Когда я пришел, коридор уже весь был заставлен зимней обувью, и на вешалке места для тулупчика не оказалось. Диван в маленькой комнате был также завален верхней одеждой. Народу – полная квартира! В большой комнате, посередине, были поставлены два хозяйских раздвижных стола, под белыми простынями. На столах – скромные сушки, карамельки на тарелках. И редкие бутылки алкоголя, принесенные нашими поэтами (с алкоголем тогда было сложно!). В маленькой комнате Александр Чурбанов пел, сидя на табурете, под видавшую виды гармонь – «Я помню тот Ванинский порт», «Окурочек»…
1985 год был временем, когда вдруг стала ощущаться острая необходимость «свежего воздуха», казалось, что жизнь погружена в беспросветный мрак и затхлость… И просто физически ощущалась нехватка большого поэта, который даст всем надежду, наполнит светом…
Около девяти вечера в дверь ввалились Инна Лимонова, Николай Алешков, Женя Кувайцев и Равиль Бухараев.
Все они были раскрасневшиеся, возбужденные, в снежном блеске. От Равиля, от его молодой силы, энергии – летели искры!
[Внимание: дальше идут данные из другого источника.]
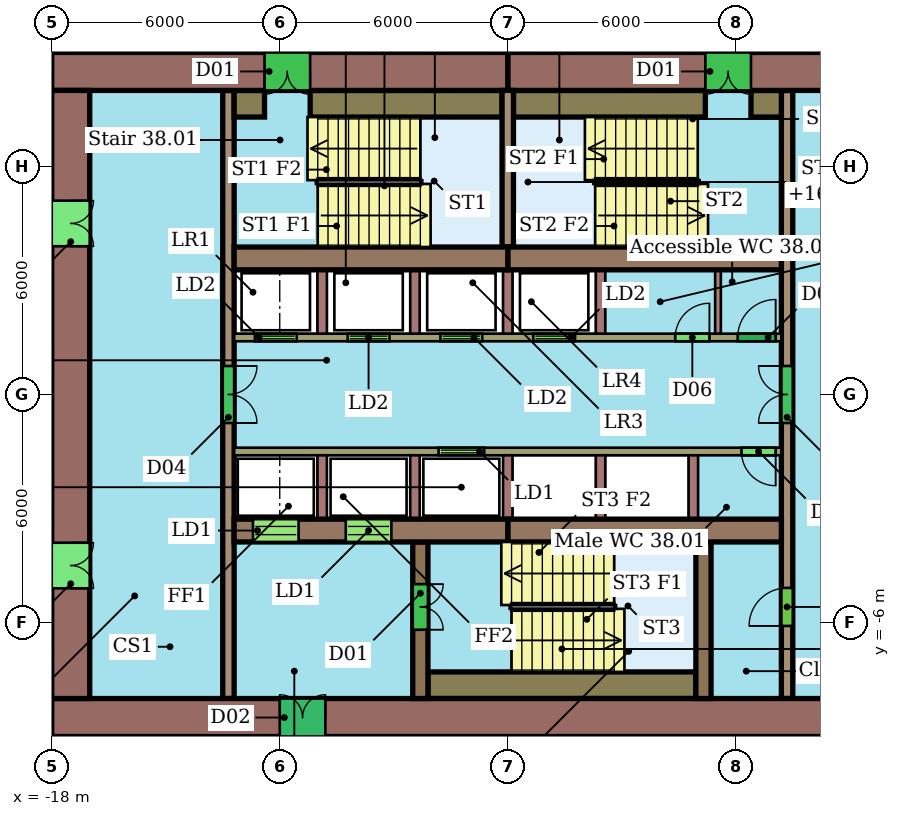
"""IFC4 building model, lengths in metres.
Left out: names, types, materials, properties, quantities, classifications, styles, units other than length and angle.
Written with IfcOpenShell. Run it as: python <this file> out.ifc"""

import sys

from ifc_helpers import new_model, si_unit, direction, frame, frame_2d, origin, place, context, subcontext, project, spatial, rectangle, extrude, element, fill, save


model = new_model("IFC4")
c1 = context("Model", 3, precision=1e-05, world=origin(), true_north=direction((0.0, 1.0)))
c2 = subcontext(c1, "Body", "Model", "MODEL_VIEW")
j1 = project(units=[si_unit("LENGTHUNIT", "METRE"), si_unit("PLANEANGLEUNIT", "RADIAN")], contexts=[c1])
p1 = place(None, origin())
s1 = spatial("IfcSite", under=j1, at=p1, CompositionType="ELEMENT")
p2 = place(p1, origin())
s2 = spatial("IfcBuilding", under=s1, at=p2, CompositionType="ELEMENT")
p3 = place(p2, frame((0.0, 0.0, 161.4)))
s3 = spatial("IfcBuildingStorey", under=s2, at=p3, CompositionType="ELEMENT", Elevation=161.4)
p4 = place(p3, frame((6.0, 8.5, 0.0), z_axis=(0.0, 0.0, 1.0), x_axis=(-1.0, 0.0, 0.0)))
e1 = element("IfcWall", 1, at=p4, inside=s3, PredefinedType="SHEAR", context=c2, shape_type="SweptSolid", body=[
    extrude(rectangle(XDim=12.0, YDim=1.0, at=frame_2d((6.0, 0.0))), origin(), (0.0, 0.0, 1.0), 3.3),
])
p5 = place(p4, frame((5.6, 0.0, 0.0)))
e2 = element("IfcOpeningElement", 2, at=p5, cuts=e1, PredefinedType="OPENING", context=c2, shape_type="SweptSolid", body=[
    extrude(rectangle(XDim=1.2, YDim=2.1, at=frame_2d((0.6, 1.05))), frame((0.0, 0.51, 0.0), z_axis=(0.0, -1.0, 0.0), x_axis=(1.0, 0.0, 0.0)), (0.0, 0.0, 1.0), 1.02),
])
p6 = place(p3, frame((-6.0, 8.5, 0.0), z_axis=(0.0, 0.0, 1.0), x_axis=(-1.0, 0.0, 0.0)))
e3 = element("IfcWall", 3, at=p6, inside=s3, PredefinedType="SHEAR", context=c2, shape_type="SweptSolid", body=[
    extrude(rectangle(XDim=12.0, YDim=1.0, at=frame_2d((6.0, 0.0))), origin(), (0.0, 0.0, 1.0), 3.3),
])
p7 = place(p6, frame((5.2, 0.0, 0.0)))
e4 = element("IfcOpeningElement", 4, at=p7, cuts=e3, PredefinedType="OPENING", context=c2, shape_type="SweptSolid", body=[
    extrude(rectangle(XDim=1.2, YDim=2.1, at=frame_2d((0.6, 1.05))), frame((0.0, 0.51, 0.0), z_axis=(0.0, -1.0, 0.0), x_axis=(1.0, 0.0, 0.0)), (0.0, 0.0, 1.0), 1.02),
])
p8 = place(p3, frame((-18.0, -8.5, 0.0), z_axis=(0.0, 0.0, 1.0), x_axis=(1.0, 0.0, 0.0)))
e5 = element("IfcWall", 5, at=p8, inside=s3, PredefinedType="SHEAR", context=c2, shape_type="SweptSolid", body=[
    extrude(rectangle(XDim=24.0, YDim=1.0, at=frame_2d((12.0, 0.0))), origin(), (0.0, 0.0, 1.0), 3.3),
])
p9 = place(p8, frame((6.0, 0.0, 0.0)))
e6 = element("IfcOpeningElement", 6, at=p9, cuts=e5, PredefinedType="OPENING", context=c2, shape_type="SweptSolid", body=[
    extrude(rectangle(XDim=1.2, YDim=2.1, at=frame_2d((0.6, 1.05))), frame((0.0, 0.51, 0.0), z_axis=(0.0, -1.0, 0.0), x_axis=(1.0, 0.0, 0.0)), (0.0, 0.0, 1.0), 1.02),
])
p10 = place(p3, frame((-17.5, 8.0, 0.0), z_axis=(0.0, 0.0, 1.0), x_axis=(0.0, -1.0, 0.0)))
e7 = element("IfcWall", 7, at=p10, inside=s3, PredefinedType="SHEAR", context=c2, shape_type="SweptSolid", body=[
    extrude(rectangle(XDim=16.0, YDim=1.0, at=frame_2d((8.0, 0.0))), origin(), (0.0, 0.0, 1.0), 3.3),
])
p11 = place(p10, frame((11.9, 0.0, 0.0)))
e8 = element("IfcOpeningElement", 8, at=p11, cuts=e7, PredefinedType="OPENING", context=c2, shape_type="SweptSolid", body=[
    extrude(rectangle(XDim=1.2, YDim=2.1, at=frame_2d((0.6, 1.05))), frame((0.0, 0.51, 0.0), z_axis=(0.0, -1.0, 0.0), x_axis=(1.0, 0.0, 0.0)), (0.0, 0.0, 1.0), 1.02),
])
p12 = place(p10, frame((2.9, 0.0, 0.0)))
e9 = element("IfcOpeningElement", 9, at=p12, cuts=e7, PredefinedType="OPENING", context=c2, shape_type="SweptSolid", body=[
    extrude(rectangle(XDim=1.2, YDim=2.1, at=frame_2d((0.6, 1.05))), frame((0.0, 0.51, 0.0), z_axis=(0.0, -1.0, 0.0), x_axis=(1.0, 0.0, 0.0)), (0.0, 0.0, 1.0), 1.02),
])
for number, where, z_axis, x_axis in (
    (10, (-13.2, 3.58, 0.0), (0.0, 0.0, 1.0), (1.0, 0.0, 0.0)),
    (11, (-6.0, 3.58, 0.0), (0.0, 0.0, 1.0), (1.0, 0.0, 0.0)),
):
    element("IfcWall", number, at=place(p3, frame(where, z_axis=z_axis, x_axis=x_axis)), inside=s3, PredefinedType="SHEAR", context=c2, shape_type="SweptSolid", body=[
        extrude(rectangle(XDim=7.2, YDim=0.6, at=frame_2d((3.6, 0.0))), origin(), (0.0, 0.0, 1.0), 3.3),
    ])
p13 = place(p3, frame((-13.2, -3.58, 0.0), z_axis=(0.0, 0.0, 1.0), x_axis=(1.0, 0.0, 0.0)))
e12 = element("IfcWall", 12, at=p13, inside=s3, PredefinedType="SHEAR", context=c2, shape_type="SweptSolid", body=[
    extrude(rectangle(XDim=7.2, YDim=0.6, at=frame_2d((3.6, 0.0))), origin(), (0.0, 0.0, 1.0), 3.3),
])
p14 = place(p13, frame((0.496, 0.0, 0.0)))
e13 = element("IfcOpeningElement", 13, at=p14, cuts=e12, PredefinedType="OPENING", context=c2, shape_type="SweptSolid", body=[
    extrude(rectangle(XDim=1.2, YDim=2.1, at=frame_2d((0.6, 1.05))), frame((0.0, 0.31, 0.0), z_axis=(0.0, -1.0, 0.0), x_axis=(1.0, 0.0, 0.0)), (0.0, 0.0, 1.0), 0.62),
])
p15 = place(p13, frame((2.938, 0.0, 0.0)))
e14 = element("IfcOpeningElement", 14, at=p15, cuts=e12, PredefinedType="OPENING", context=c2, shape_type="SweptSolid", body=[
    extrude(rectangle(XDim=1.2, YDim=2.1, at=frame_2d((0.6, 1.05))), frame((0.0, 0.31, 0.0), z_axis=(0.0, -1.0, 0.0), x_axis=(1.0, 0.0, 0.0)), (0.0, 0.0, 1.0), 0.62),
])
p16 = place(p3, frame((-6.0, -3.58, 0.0), z_axis=(0.0, 0.0, 1.0), x_axis=(1.0, 0.0, 0.0)))
e15 = element("IfcWall", 15, at=p16, inside=s3, PredefinedType="SHEAR", context=c2, shape_type="SweptSolid", body=[
    extrude(rectangle(XDim=7.2, YDim=0.6, at=frame_2d((3.6, 0.0))), origin(), (0.0, 0.0, 1.0), 3.3),
])
p17 = place(p3, frame((-13.35, 8.0, 0.0), z_axis=(0.0, 0.0, 1.0), x_axis=(0.0, -1.0, 0.0)))
e16 = element("IfcWall", 16, at=p17, inside=s3, PredefinedType="SHEAR", context=c2, shape_type="SweptSolid", body=[
    extrude(rectangle(XDim=16.0, YDim=0.3, at=frame_2d((8.0, 0.0))), origin(), (0.0, 0.0, 1.0), 3.3),
])
p18 = place(p17, frame((7.25, 0.0, 0.0)))
e17 = element("IfcOpeningElement", 17, at=p18, cuts=e16, PredefinedType="OPENING", context=c2, shape_type="SweptSolid", body=[
    extrude(rectangle(XDim=1.5, YDim=2.1, at=frame_2d((0.75, 1.05))), frame((0.0, 0.16, 0.0), z_axis=(0.0, -1.0, 0.0), x_axis=(1.0, 0.0, 0.0)), (0.0, 0.0, 1.0), 0.32),
])
p19 = place(p3, frame((1.35, -8.0, 0.0), z_axis=(0.0, 0.0, 1.0), x_axis=(0.0, 1.0, 0.0)))
e18 = element("IfcWall", 18, at=p19, inside=s3, PredefinedType="SHEAR", context=c2, shape_type="SweptSolid", body=[
    extrude(rectangle(XDim=16.0, YDim=0.3, at=frame_2d((8.0, 0.0))), origin(), (0.0, 0.0, 1.0), 3.3),
])
p20 = place(p19, frame((1.91, 0.0, 0.0)))
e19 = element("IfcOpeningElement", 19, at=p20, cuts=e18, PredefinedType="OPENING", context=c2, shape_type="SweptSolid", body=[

Я запомнил его лицо в смоляной бороде в белом окладе изморози.
Коля Алешков спешно рассказал, что с одного завода их повезли на другой, потом на третий… «Везде читали, народ требовал «еще и еще», кое-как вырвались, поймали машину и сюда!».
Минут двадцать приехавших отпаивали горячим чаем, уступив место за столом… Я вышел в коридор, так как стоять в комнате было негде. При этом все громко разговаривали, смеялись, но вдруг наступила тишина. Я хотел вернуться в комнату, но в коридоре плотно стояли те, кому не хватило места в комнате! Равиль встал у двери, спиной к стене. Было только одно свободное пространство – в ногах у Равиля. Я наклонился, пролез между многочисленных ног и сел на пол в ногах у Равиля. Спиной к нему.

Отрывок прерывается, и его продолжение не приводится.